"One Captain Bailey hath erected some four Hackney-coaches, put his men in livery, and appointed them to stand, at the May-pole in the Strand, giving them instructions at what rates to carry men into several parts of the town, where all day they may be had. Other hackney-men seeing this way, they flock to the same place, and perform their journeys at the same rate. So that sometimes there is twenty of them together, which disperse up and down; that they and others are to be had everywhere, as watermen are to be had by the water-side. * * * Everybody is much pleased with it."

A UNIQUE LIBRARY.

A singular library existed in 1535, at Warsenstein, near Cassel; the books composing it, or rather the substitutes for them, being made of wood, and every one of them is a specimen of some different tree. The back is formed of its bark, and the sides are constructed of polished pieces of the same stock. When put together, the whole forms a box; and inside of it are stored the fruit, seed, and leaves, together with the moss which grows on the trunk, and the insects which feed upon the tree; every volume corresponds in size, and the collection altogether has an excellent effect.

DRESS FORTY YEARS AGO.

Caricature, even by its very exaggeration, often gives us a better idea of many things than the most exact sketches could do. This is more especially the case with respect to dress, a proof of which is here given by the three caricatures which we now lay before our readers. They are copied from plates published at the period to which they refer, and how completely do they convey to us a notion of the fashions of the day!

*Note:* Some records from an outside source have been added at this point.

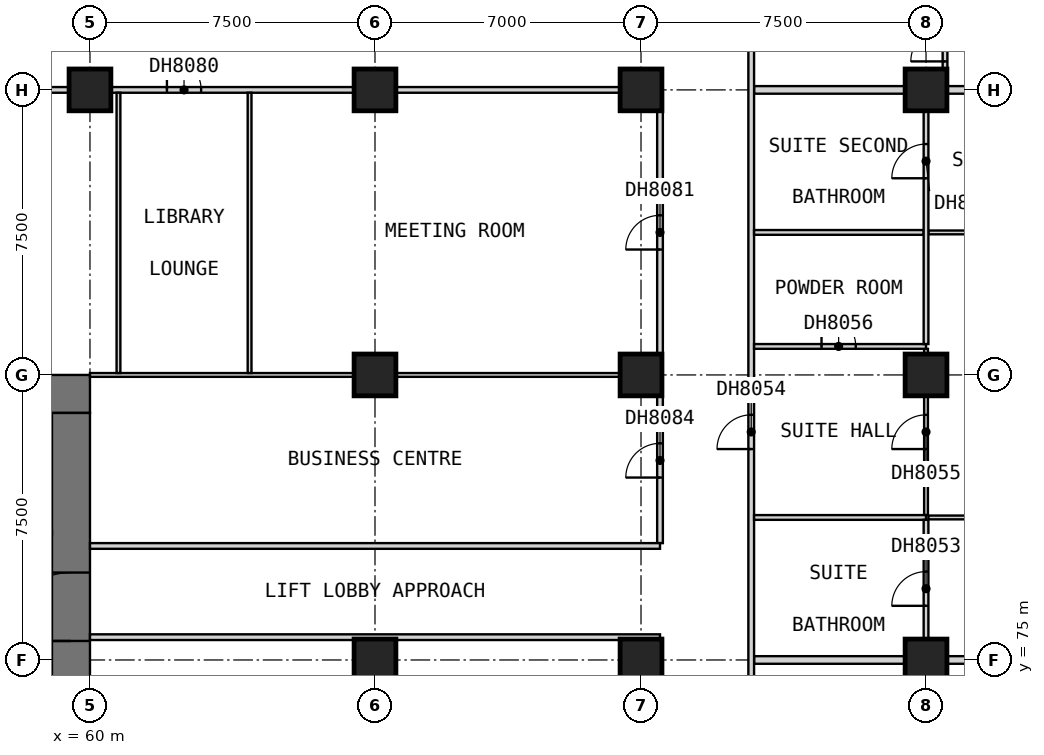
"""IFC4 building model, lengths in metres.
Left out: names, types, materials, properties, quantities, classifications, styles, units other than length and angle.
Written with IfcOpenShell. Run it as: python <this file> out.ifc"""

import sys

from ifc_helpers import new_model, si_unit, direction, frame, frame_2d, origin, origin_2d, place, context, subcontext, project, spatial, rectangle, extrude, element, fill, save


model = new_model("IFC4")
c1 = context("Model", 3, precision=1e-05, world=origin(), true_north=direction((0.0, 1.0)))
c2 = subcontext(c1, "Body", "Model", "MODEL_VIEW")
j1 = project(units=[si_unit("LENGTHUNIT", "METRE"), si_unit("PLANEANGLEUNIT", "RADIAN")], contexts=[c1])
p1 = place(None, origin())
s1 = spatial("IfcSite", under=j1, at=p1, CompositionType="ELEMENT")
p2 = place(p1, origin())
s2 = spatial("IfcBuilding", under=s1, at=p2, CompositionType="ELEMENT")
p3 = place(p2, frame((0.0, 0.0, 89.9)))
s3 = spatial("IfcBuildingStorey", under=s2, at=p3, CompositionType="ELEMENT", Elevation=89.9)
for number, where, z_axis, x_axis in (
    (1, (60.0, 90.0, 0.0), (0.0, 0.0, 1.0), (1.0, 0.0, 0.0)),
    (2, (67.5, 75.0, 0.0), (0.0, 0.0, 1.0), (1.0, 0.0, 0.0)),
    (3, (67.5, 82.5, 0.0), (0.0, 0.0, 1.0), (1.0, 0.0, 0.0)),
    (4, (67.5, 90.0, 0.0), (0.0, 0.0, 1.0), (1.0, 0.0, 0.0)),
    (5, (74.5, 75.0, 0.0), (0.0, 0.0, 1.0), (1.0, 0.0, 0.0)),
    (6, (74.5, 82.5, 0.0), (0.0, 0.0, 1.0), (1.0, 0.0, 0.0)),
    (7, (74.5, 90.0, 0.0), (0.0, 0.0, 1.0), (1.0, 0.0, 0.0)),
    (8, (82.0, 75.0, 0.0), (0.0, 0.0, 1.0), (1.0, 0.0, 0.0)),
    (9, (82.0, 82.5, 0.0), (0.0, 0.0, 1.0), (1.0, 0.0, 0.0)),
    (10, (82.0, 90.0, 0.0), (0.0, 0.0, 1.0), (1.0, 0.0, 0.0)),
):
    element("IfcColumn", number, at=place(p3, frame(where, z_axis=z_axis, x_axis=x_axis)), inside=s3, PredefinedType="COLUMN", context=c2, shape_type="SweptSolid", body=[
        extrude(rectangle(XDim=1.1, YDim=1.1, at=origin_2d()), origin(), (0.0, 0.0, 1.0), 3.6),
    ])
p4 = place(p3, frame((30.0, 82.0, 0.0), z_axis=(0.0, 0.0, 1.0), x_axis=(1.0, 0.0, 0.0)))
e11 = element("IfcWall", 11, at=p4, inside=s3, PredefinedType="SHEAR", context=c2, shape_type="SweptSolid", body=[
    extrude(rectangle(XDim=30.0, YDim=1.0, at=frame_2d((15.0, 0.0))), origin(), (0.0, 0.0, 1.0), 3.6),
])
p5 = place(p3, frame((59.5, 61.0, 0.0), z_axis=(0.0, 0.0, 1.0), x_axis=(0.0, 1.0, 0.0)))
e12 = element("IfcWall", 12, at=p5, inside=s3, PredefinedType="SHEAR", context=c2, shape_type="SweptSolid", body=[
    extrude(rectangle(XDim=20.5, YDim=1.0, at=frame_2d((10.25, 0.0))), origin(), (0.0, 0.0, 1.0), 3.6),
])
p6 = place(p5, frame((14.5, 0.0, 0.0)))
e13 = element("IfcOpeningElement", 13, at=p6, cuts=e12, PredefinedType="OPENING", context=c2, shape_type="SweptSolid", body=[
    extrude(rectangle(XDim=1.8, YDim=2.1, at=frame_2d((0.9, 1.05))), frame((0.0, 0.51, 0.0), z_axis=(0.0, -1.0, 0.0), x_axis=(1.0, 0.0, 0.0)), (0.0, 0.0, 1.0), 1.02),
])
for number, where, z_axis, x_axis in (
    (14, (77.475, 75.0, 0.0), (0.0, 0.0, 1.0), (1.0, 0.0, 0.0)),
    (15, (77.475, 90.0, 0.0), (0.0, 0.0, 1.0), (1.0, 0.0, 0.0)),
):
    element("IfcWall", number, at=place(p3, frame(where, z_axis=z_axis, x_axis=x_axis)), inside=s3, PredefinedType="PARTITIONING", context=c2, shape_type="SweptSolid", body=[
        extrude(rectangle(XDim=12.525, YDim=0.2, at=frame_2d((6.262, 0.0))), origin(), (0.0, 0.0, 1.0), 3.35),
    ])
p7 = place(p3, frame((33.75, 90.0, 0.0), z_axis=(0.0, 0.0, 1.0), x_axis=(1.0, 0.0, 0.0)))
e16 = element("IfcWall", 16, at=p7, inside=s3, PredefinedType="PARTITIONING", context=c2, shape_type="SweptSolid", body=[
    extrude(rectangle(XDim=41.25, YDim=0.15, at=frame_2d((20.625, 0.0))), origin(), (0.0, 0.0, 1.0), 3.35),
])
p8 = place(p7, frame((1.05, 0.0, 0.0)))
e17 = element("IfcOpeningElement", 17, at=p8, cuts=e16, PredefinedType="OPENING", context=c2, shape_type="SweptSolid", body=[
    extrude(rectangle(XDim=0.9, YDim=2.1, at=frame_2d((0.45, 1.05))), frame((0.0, 0.085, 0.0), z_axis=(0.0, -1.0, 0.0), x_axis=(1.0, 0.0, 0.0)), (0.0, 0.0, 1.0), 0.17),
])
p9 = place(p7, frame((14.55, 0.0, 0.0)))
e18 = element("IfcOpeningElement", 18, at=p9, cuts=e16, PredefinedType="OPENING", context=c2, shape_type="SweptSolid", body=[
    extrude(rectangle(XDim=0.9, YDim=2.1, at=frame_2d((0.45, 1.05))), frame((0.0, 0.085, 0.0), z_axis=(0.0, -1.0, 0.0), x_axis=(1.0, 0.0, 0.0)), (0.0, 0.0, 1.0), 0.17),
])
p10 = place(p7, frame((28.275, 0.0, 0.0)))
e19 = element("IfcOpeningElement", 19, at=p10, cuts=e16, PredefinedType="OPENING", context=c2, shape_type="SweptSolid", body=[
    extrude(rectangle(XDim=0.9, YDim=2.1, at=frame_2d((0.45, 1.05))), frame((0.0, 0.085, 0.0), z_axis=(0.0, -1.0, 0.0), x_axis=(1.0, 0.0, 0.0)), (0.0, 0.0, 1.0), 0.17),
])
p11 = place(p3, frame((75.0, 66.975, 0.0), z_axis=(0.0, 0.0, 1.0), x_axis=(0.0, 1.0, 0.0)))
e20 = element("IfcWall", 20, at=p11, inside=s3, PredefinedType="PARTITIONING", context=c2, shape_type="SweptSolid", body=[
    extrude(rectangle(XDim=8.55, YDim=0.15, at=frame_2d((4.275, 0.0))), origin(), (0.0, 0.0, 1.0), 3.35),
])
p12 = place(p11, frame((3.825, 0.0, 0.0)))
e21 = element("IfcOpeningElement", 21, at=p12, cuts=e20, PredefinedType="OPENING", context=c2, shape_type="SweptSolid", body=[
    extrude(rectangle(XDim=0.9, YDim=2.1, at=frame_2d((0.45, 1.05))), frame((0.0, 0.085, 0.0), z_axis=(0.0, -1.0, 0.0), x_axis=(1.0, 0.0, 0.0)), (0.0, 0.0, 1.0), 0.17),
])
p13 = place(p3, frame((75.0, 78.075, 0.0), z_axis=(0.0, 0.0, 1.0), x_axis=(0.0, 1.0, 0.0)))
e22 = element("IfcWall", 22, at=p13, inside=s3, PredefinedType="PARTITIONING", context=c2, shape_type="SweptSolid", body=[
    extrude(rectangle(XDim=11.85, YDim=0.15, at=frame_2d((5.925, 0.0))), origin(), (0.0, 0.0, 1.0), 3.35),
])
p14 = place(p13, frame((7.725, 0.0, 0.0)))
e23 = element("IfcOpeningElement", 23, at=p14, cuts=e22, PredefinedType="OPENING", context=c2, shape_type="SweptSolid", body=[
    extrude(rectangle(XDim=0.9, YDim=2.1, at=frame_2d((0.45, 1.05))), frame((0.0, 0.085, 0.0), z_axis=(0.0, -1.0, 0.0), x_axis=(1.0, 0.0, 0.0)), (0.0, 0.0, 1.0), 0.17),
])
p15 = place(p13, frame((1.725, 0.0, 0.0)))
e24 = element("IfcOpeningElement", 24, at=p15, cuts=e22, PredefinedType="OPENING", context=c2, shape_type="SweptSolid", body=[
    extrude(rectangle(XDim=0.9, YDim=2.1, at=frame_2d((0.45, 1.05))), frame((0.0, 0.085, 0.0), z_axis=(0.0, -1.0, 0.0), x_axis=(1.0, 0.0, 0.0)), (0.0, 0.0, 1.0), 0.17),
])
p16 = place(p3, frame((77.4, 50.175, 0.0), z_axis=(0.0, 0.0, 1.0), x_axis=(0.0, 1.0, 0.0)))
e25 = element("IfcWall", 25, at=p16, inside=s3, PredefinedType="PARTITIONING", context=c2, shape_type="SweptSolid", body=[
    extrude(rectangle(XDim=42.15, YDim=0.15, at=frame_2d((21.075, 0.0))), origin(), (0.0, 0.0, 1.0), 3.35),
])
p17 = place(p16, frame((7.875, 0.0, 0.0)))
e26 = element("IfcOpeningElement", 26, at=p17, cuts=e25, PredefinedType="OPENING", context=c2, shape_type="SweptSolid", body=[
    extrude(rectangle(XDim=0.9, YDim=2.1, at=frame_2d((0.45, 1.05))), frame((0.0, 0.085, 0.0), z_axis=(0.0, -1.0, 0.0), x_axis=(1.0, 0.0, 0.0)), (0.0, 0.0, 1.0), 0.17),
])
p18 = place(p16, frame((15.375, 0.0, 0.0)))
e27 = element("IfcOpeningElement", 27, at=p18, cuts=e25, PredefinedType="OPENING", context=c2, shape_type="SweptSolid", body=[
    extrude(rectangle(XDim=0.9, YDim=2.1, at=frame_2d((0.45, 1.05))), frame((0.0, 0.085, 0.0), z_axis=(0.0, -1.0, 0.0), x_axis=(1.0, 0.0, 0.0)), (0.0, 0.0, 1.0), 0.17),
])
p19 = place(p16, frame((30.375, 0.0, 0.0)))
e28 = element("IfcOpeningElement", 28, at=p19, cuts=e25, PredefinedType="OPENING", context=c2, shape_type="SweptSolid", body=[
    extrude(rectangle(XDim=0.9, YDim=2.1, at=frame_2d((0.45, 1.05))), frame((0.0, 0.085, 0.0), z_axis=(0.0, -1.0, 0.0), x_axis=(1.0, 0.0, 0.0)), (0.0, 0.0, 1.0), 0.17),
])
p20 = place(p3, frame((82.062, 78.75, 0.0), z_axis=(0.0, 0.0, 1.0), x_axis=(1.0, 0.0, 0.0)))
e29 = element("IfcWall", 29, at=p20, inside=s3, PredefinedType="PARTITIONING", context=c2, shape_type="SweptSolid", body=[
    extrude(rectangle(XDim=7.127, YDim=0.1, at=frame_2d((3.564, 0.0))), origin(), (0.0, 0.0, 1.0), 3.35),
])
p21 = place(p20, frame((3.488, 0.0, 0.0)))
e30 = element("IfcOpeningElement", 30, at=p21, cuts=e29, PredefinedType="OPENING", context=c2, shape_type="SweptSolid", body=[
    extrude(rectangle(XDim=0.9, YDim=2.1, at=frame_2d((0.45, 1.05))), frame((0.0, 0.06, 0.0), z_axis=(0.0, -1.0, 0.0), x_axis=(1.0, 0.0, 0.0)), (0.0, 0.0, 1.0), 0.12),
])
p22 = place(p3, frame((60.0, 82.5, 0.0), z_axis=(0.0, 0.0, 1.0), x_axis=(1.0, 0.0, 0.0)))
e31 = element("IfcWall", 31, at=p22, inside=s3, PredefinedType="PARTITIONING", context=c2, shape_type="SweptSolid", body=[
    extrude(rectangle(XDim=14.925, YDim=0.1, at=frame_2d((7.462, 0.0))), origin(), (0.0, 0.0, 1.0), 3.35),
])
p23 = place(p3, frame((82.062, 86.25, 0.0), z_axis=(0.0, 0.0, 1.0), x_axis=(1.0, 0.0, 0.0)))
e32 = element("IfcWall", 32, at=p23, inside=s3, PredefinedType="PARTITIONING", context=c2, shape_type="SweptSolid", body=[
    extrude(rectangle(XDim=7.127, YDim=0.1, at=frame_2d((3.564, 0.0))), origin(), (0.0, 0.0, 1.0), 3.35),
])
p24 = place(p23, frame((3.488, 0.0, 0.0)))
e33 = element("IfcOpeningElement", 33, at=p24, cuts=e32, PredefinedType="OPENING", context=c2, shape_type="SweptSolid", body=[
    extrude(rectangle(XDim=0.9, YDim=2.1, at=frame_2d((0.45, 1.05))), frame((0.0, 0.06, 0.0), z_axis=(0.0, -1.0, 0.0), x_axis=(1.0, 0.0, 0.0)), (0.0, 0.0, 1.0), 0.12),
])
for number, where, z_axis, x_axis in (
    (34, (60.75, 82.55, 0.0), (0.0, 0.0, 1.0), (0.0, 1.0, 0.0)),
    (35, (64.2, 82.55, 0.0), (0.0, 0.0, 1.0), (0.0, 1.0, 0.0)),
):
    element("IfcWall", number, at=place(p3, frame(where, z_axis=z_axis, x_axis=x_axis)), inside=s3, PredefinedType="PARTITIONING", context=c2, shape_type="SweptSolid", body=[
        extrude(rectangle(XDim=7.375, YDim=0.1, at=frame_2d((3.688, 0.0))), origin(), (0.0, 0.0, 1.0), 3.35),
    ])
p25 = place(p3, frame((82.0, 78.812, 0.0), z_axis=(0.0, 0.0, 1.0), x_axis=(0.0, 1.0, 0.0)))
e36 = element("IfcWall", 36, at=p25, inside=s3, PredefinedType="PARTITIONING", context=c2, shape_type="SweptSolid", body=[
    extrude(rectangle(XDim=4.375, YDim=0.1, at=frame_2d((2.188, 0.0))), origin(), (0.0, 0.0, 1.0), 3.35),
])
p26 = place(p25, frame((1.738, 0.0, 0.0)))
e37 = element("IfcOpeningElement", 37, at=p26, cuts=e36, PredefinedType="OPENING", context=c2, shape_type="SweptSolid", body=[
    extrude(rectangle(XDim=0.9, YDim=2.1, at=frame_2d((0.45, 1.05))), frame((0.0, 0.06, 0.0), z_axis=(0.0, -1.0, 0.0), x_axis=(1.0, 0.0, 0.0)), (0.0, 0.0, 1.0), 0.12),
])
p27 = place(p3, frame((77.475, 78.75, 0.0), z_axis=(0.0, 0.0, 1.0), x_axis=(1.0, 0.0, 0.0)))
e38 = element("IfcWall", 38, at=p27, inside=s3, PredefinedType="PARTITIONING", context=c2, shape_type="SweptSolid", body=[
    extrude(rectangle(XDim=4.525, YDim=0.125, at=frame_2d((2.262, 0.0))), origin(), (0.0, 0.0, 1.0), 3.35),
])
p28 = place(p3, frame((77.475, 83.25, 0.0), z_axis=(0.0, 0.0, 1.0), x_axis=(1.0, 0.0, 0.0)))
e39 = element("IfcWall", 39, at=p28, inside=s3, PredefinedType="PARTITIONING", context=c2, shape_type="SweptSolid", body=[
    extrude(rectangle(XDim=4.525, YDim=0.125, at=frame_2d((2.262, 0.0))), origin(), (0.0, 0.0, 1.0), 3.35),
])
p29 = place(p28, frame((1.775, 0.0, 0.0)))
e40 = element("IfcOpeningElement", 40, at=p29, cuts=e39, PredefinedType="OPENING", context=c2, shape_type="SweptSolid", body=[
    extrude(rectangle(XDim=0.9, YDim=2.1, at=frame_2d((0.45, 1.05))), frame((0.0, 0.073, 0.0), z_axis=(0.0, -1.0, 0.0), x_axis=(1.0, 0.0, 0.0)), (0.0, 0.0, 1.0), 0.145),
])
p30 = place(p3, frame((77.475, 86.25, 0.0), z_axis=(0.0, 0.0, 1.0), x_axis=(1.0, 0.0, 0.0)))
e41 = element("IfcWall", 41, at=p30, inside=s3, PredefinedType="PARTITIONING", context=c2, shape_type="SweptSolid", body=[
    extrude(rectangle(XDim=4.462, YDim=0.125, at=frame_2d((2.231, 0.0))), origin(), (0.0, 0.0, 1.0), 3.35),
])
p31 = place(p3, frame((82.0, 68.312, 0.0), z_axis=(0.0, 0.0, 1.0), x_axis=(0.0, 1.0, 0.0)))
e42 = element("IfcWall", 42, at=p31, inside=s3, PredefinedType="PARTITIONING", context=c2, shape_type="SweptSolid", body=[
    extrude(rectangle(XDim=10.375, YDim=0.125, at=frame_2d((5.188, 0.0))), origin(), (0.0, 0.0, 1.0), 3.35),
])
p32 = place(p31, frame((4.363, 0.0, 0.0)))
e43 = element("IfcOpeningElement", 43, at=p32, cuts=e42, PredefinedType="OPENING", context=c2, shape_type="SweptSolid", body=[
    extrude(rectangle(XDim=0.9, YDim=2.1, at=frame_2d((0.45, 1.05))), frame((0.0, 0.073, 0.0), z_axis=(0.0, -1.0, 0.0), x_axis=(1.0, 0.0, 0.0)), (0.0, 0.0, 1.0), 0.145),
])
p33 = place(p31, frame((8.113, 0.0, 0.0)))
e44 = element("IfcOpeningElement", 44, at=p33, cuts=e42, PredefinedType="OPENING", context=c2, shape_type="SweptSolid", body=[
    extrude(rectangle(XDim=0.9, YDim=2.1, at=frame_2d((0.45, 1.05))), frame((0.0, 0.073, 0.0), z_axis=(0.0, -1.0, 0.0), x_axis=(1.0, 0.0, 0.0)), (0.0, 0.0, 1.0), 0.145),
])
p34 = place(p3, frame((82.0, 83.312, 0.0), z_axis=(0.0, 0.0, 1.0), x_axis=(0.0, 1.0, 0.0)))
e45 = element("IfcWall", 45, at=p34, inside=s3, PredefinedType="PARTITIONING", context=c2, shape_type="SweptSolid", body=[
    extrude(rectangle(XDim=6.587, YDim=0.125, at=frame_2d((3.294, 0.0))), origin(), (0.0, 0.0, 1.0), 3.35),
])
p35 = place(p34, frame((4.363, 0.0, 0.0)))
e46 = element("IfcOpeningElement", 46, at=p35, cuts=e45, PredefinedType="OPENING", context=c2, shape_type="SweptSolid", body=[
    extrude(rectangle(XDim=0.9, YDim=2.1, at=frame_2d((0.45, 1.05))), frame((0.0, 0.073, 0.0), z_axis=(0.0, -1.0, 0.0), x_axis=(1.0, 0.0, 0.0)), (0.0, 0.0, 1.0), 0.145),
])
p36 = place(p3, frame((82.5, 90.1, 0.0), z_axis=(0.0, 0.0, 1.0), x_axis=(0.0, 1.0, 0.0)))
e47 = element("IfcWall", 47, at=p36, inside=s3, PredefinedType="PARTITIONING", context=c2, shape_type="SweptSolid", body=[
    extrude(rectangle(XDim=2.237, YDim=0.125, at=frame_2d((1.119, 0.0))), origin(), (0.0, 0.0, 1.0), 3.35),
])
p37 = place(p36, frame((0.65, 0.0, 0.0)))
e48 = element("IfcOpeningElement", 48, at=p37, cuts=e47, PredefinedType="OPENING", context=c2, shape_type="SweptSolid", body=[
    extrude(rectangle(XDim=0.9, YDim=2.1, at=frame_2d((0.45, 1.05))), frame((0.0, 0.073, 0.0), z_axis=(0.0, -1.0, 0.0), x_axis=(1.0, 0.0, 0.0)), (0.0, 0.0, 1.0), 0.145),
])
for number, where, z_axis, x_axis in (
    (49, (60.0, 75.6, 0.0), (0.0, 0.0, 1.0), (1.0, 0.0, 0.0)),
    (50, (60.0, 78.0, 0.0), (0.0, 0.0, 1.0), (1.0, 0.0, 0.0)),
):
    element("IfcWall", number, at=place(p3, frame(where, z_axis=z_axis, x_axis=x_axis)), inside=s3, PredefinedType="PARTITIONING", context=c2, shape_type="SweptSolid", body=[
        extrude(rectangle(XDim=15.0, YDim=0.15, at=frame_2d((7.5, 0.0))), origin(), (0.0, 0.0, 1.0), 3.35),
    ])
p38 = place(p6, origin())
e51 = element("IfcDoor", 51, at=p38, inside=s3, OperationType="DOUBLE_DOOR_SINGLE_SWING", PredefinedType="DOOR", context=c2, shape_type="SweptSolid", body=[
    extrude(rectangle(XDim=1.8, YDim=2.1, at=frame_2d((0.9, 1.05))), frame((0.0, 0.025, 0.0), z_axis=(0.0, -1.0, 0.0), x_axis=(1.0, 0.0, 0.0)), (0.0, 0.0, 1.0), 0.05),
])
fill(e13, e51)
p39 = place(p33, origin())
e52 = element("IfcDoor", 52, at=p39, inside=s3, OperationType="SINGLE_SWING_LEFT", PredefinedType="DOOR", context=c2, shape_type="SweptSolid", body=[
    extrude(rectangle(XDim=0.9, YDim=2.1, at=frame_2d((0.45, 1.05))), frame((0.0, 0.025, 0.0), z_axis=(0.0, -1.0, 0.0), x_axis=(1.0, 0.0, 0.0)), (0.0, 0.0, 1.0), 0.05),
])
fill(e44, e52)
p40 = place(p19, origin())
e53 = element("IfcDoor", 53, at=p40, inside=s3, OperationType="SINGLE_SWING_RIGHT", PredefinedType="DOOR", context=c2, shape_type="SweptSolid", body=[
    extrude(rectangle(XDim=0.9, YDim=2.1, at=frame_2d((0.45, 1.05))), frame((0.0, 0.025, 0.0), z_axis=(0.0, -1.0, 0.0), x_axis=(1.0, 0.0, 0.0)), (0.0, 0.0, 1.0), 0.05),
])
fill(e28, e53)
p41 = place(p26, origin())
e54 = element("IfcDoor", 54, at=p41, inside=s3, OperationType="SINGLE_SWING_LEFT", PredefinedType="DOOR", context=c2, shape_type="SweptSolid", body=[
    extrude(rectangle(XDim=0.9, YDim=2.1, at=frame_2d((0.45, 1.05))), frame((0.0, 0.025, 0.0), z_axis=(0.0, -1.0, 0.0), x_axis=(1.0, 0.0, 0.0)), (0.0, 0.0, 1.0), 0.05),
])
fill(e37, e54)
p42 = place(p29, origin())
e55 = element("IfcDoor", 55, at=p42, inside=s3, OperationType="SINGLE_SWING_RIGHT", PredefinedType="DOOR", context=c2, shape_type="SweptSolid", body=[
    extrude(rectangle(XDim=0.9, YDim=2.1, at=frame_2d((0.45, 1.05))), frame((0.0, 0.025, 0.0), z_axis=(0.0, -1.0, 0.0), x_axis=(1.0, 0.0, 0.0)), (0.0, 0.0, 1.0), 0.05),
])
fill(e40, e55)
p43 = place(p35, origin())
e56 = element("IfcDoor", 56, at=p43, inside=s3, OperationType="SINGLE_SWING_LEFT", PredefinedType="DOOR", context=c2, shape_type="SweptSolid", body=[
    extrude(rectangle(XDim=0.9, YDim=2.1, at=frame_2d((0.45, 1.05))), frame((0.0, 0.025, 0.0), z_axis=(0.0, -1.0, 0.0), x_axis=(1.0, 0.0, 0.0)), (0.0, 0.0, 1.0), 0.05),
])
fill(e46, e56)
p44 = place(p37, origin())
e57 = element("IfcDoor", 57, at=p44, inside=s3, OperationType="SINGLE_SWING_LEFT", PredefinedType="DOOR", context=c2, shape_type="SweptSolid", body=[
    extrude(rectangle(XDim=0.9, YDim=2.1, at=frame_2d((0.45, 1.05))), frame((0.0, 0.025, 0.0), z_axis=(0.0, -1.0, 0.0), x_axis=(1.0, 0.0, 0.0)), (0.0, 0.0, 1.0), 0.05),
])
fill(e48, e57)
p45 = place(p10, origin())
e58 = element("IfcDoor", 58, at=p45, inside=s3, OperationType="SINGLE_SWING_RIGHT", PredefinedType="DOOR", context=c2, shape_type="SweptSolid", body=[
    extrude(rectangle(XDim=0.9, YDim=2.1, at=frame_2d((0.45, 1.05))), frame((0.0, 0.025, 0.0), z_axis=(0.0, -1.0, 0.0), x_axis=(1.0, 0.0, 0.0)), (0.0, 0.0, 1.0), 0.05),
])
fill(e19, e58)
p46 = place(p14, origin())
e59 = element("IfcDoor", 59, at=p46, inside=s3, OperationType="SINGLE_SWING_LEFT", PredefinedType="DOOR", context=c2, shape_type="SweptSolid", body=[
    extrude(rectangle(XDim=0.9, YDim=2.1, at=frame_2d((0.45, 1.05))), frame((0.0, 0.025, 0.0), z_axis=(0.0, -1.0, 0.0), x_axis=(1.0, 0.0, 0.0)), (0.0, 0.0, 1.0), 0.05),
])
fill(e23, e59)
p47 = place(p15, origin())
e60 = element("IfcDoor", 60, at=p47, inside=s3, OperationType="SINGLE_SWING_LEFT", PredefinedType="DOOR", context=c2, shape_type="SweptSolid", body=[
    extrude(rectangle(XDim=0.9, YDim=2.1, at=frame_2d((0.45, 1.05))), frame((0.0, 0.025, 0.0), z_axis=(0.0, -1.0, 0.0), x_axis=(1.0, 0.0, 0.0)), (0.0, 0.0, 1.0), 0.05),
])
fill(e24, e60)
save(model, sys.argv[1])

With the peace of 1815 commenced a new era in English history; and within the few years immediately preceding and following it, English society went through a remarkably rapid change; a change, as far as we can see, of a decidedly favourable kind. The social condition of public sentiment and public morals, literature, and science, were all improved. As the violent internal agitation of the country during the regency increased the number of political caricatures and satirical writings, so the succession of fashions, varying in extravagance, which characterised the same period, produced a greater number of caricatures on dress and on fashionable manners than had been seen at any previous period. During the first twelve or fifteen years of the present century, the general character of the costume appears not to have undergone any great change. The two figures here given represent the mode in 1810.

A few years later the fashionable costume furnished an extraordinary contrast with that just represented. The waist was again shortened, as well as the frock and petticoat, and, instead of concealment, it seemed to be the aim of the ladies to exhibit to view as much of the body as possible. The fops of 1819 and 1820 received the name of dandies, the ladies that of dandizettes. The accompanying cut is from a rather broadly caricatured print of a dandizette of the year 1819. It must be considered only as a type of the general character of the foppish costume of the period; for in no time was there ever such a variety of forms in the dresses of both sexes as at the period alluded to.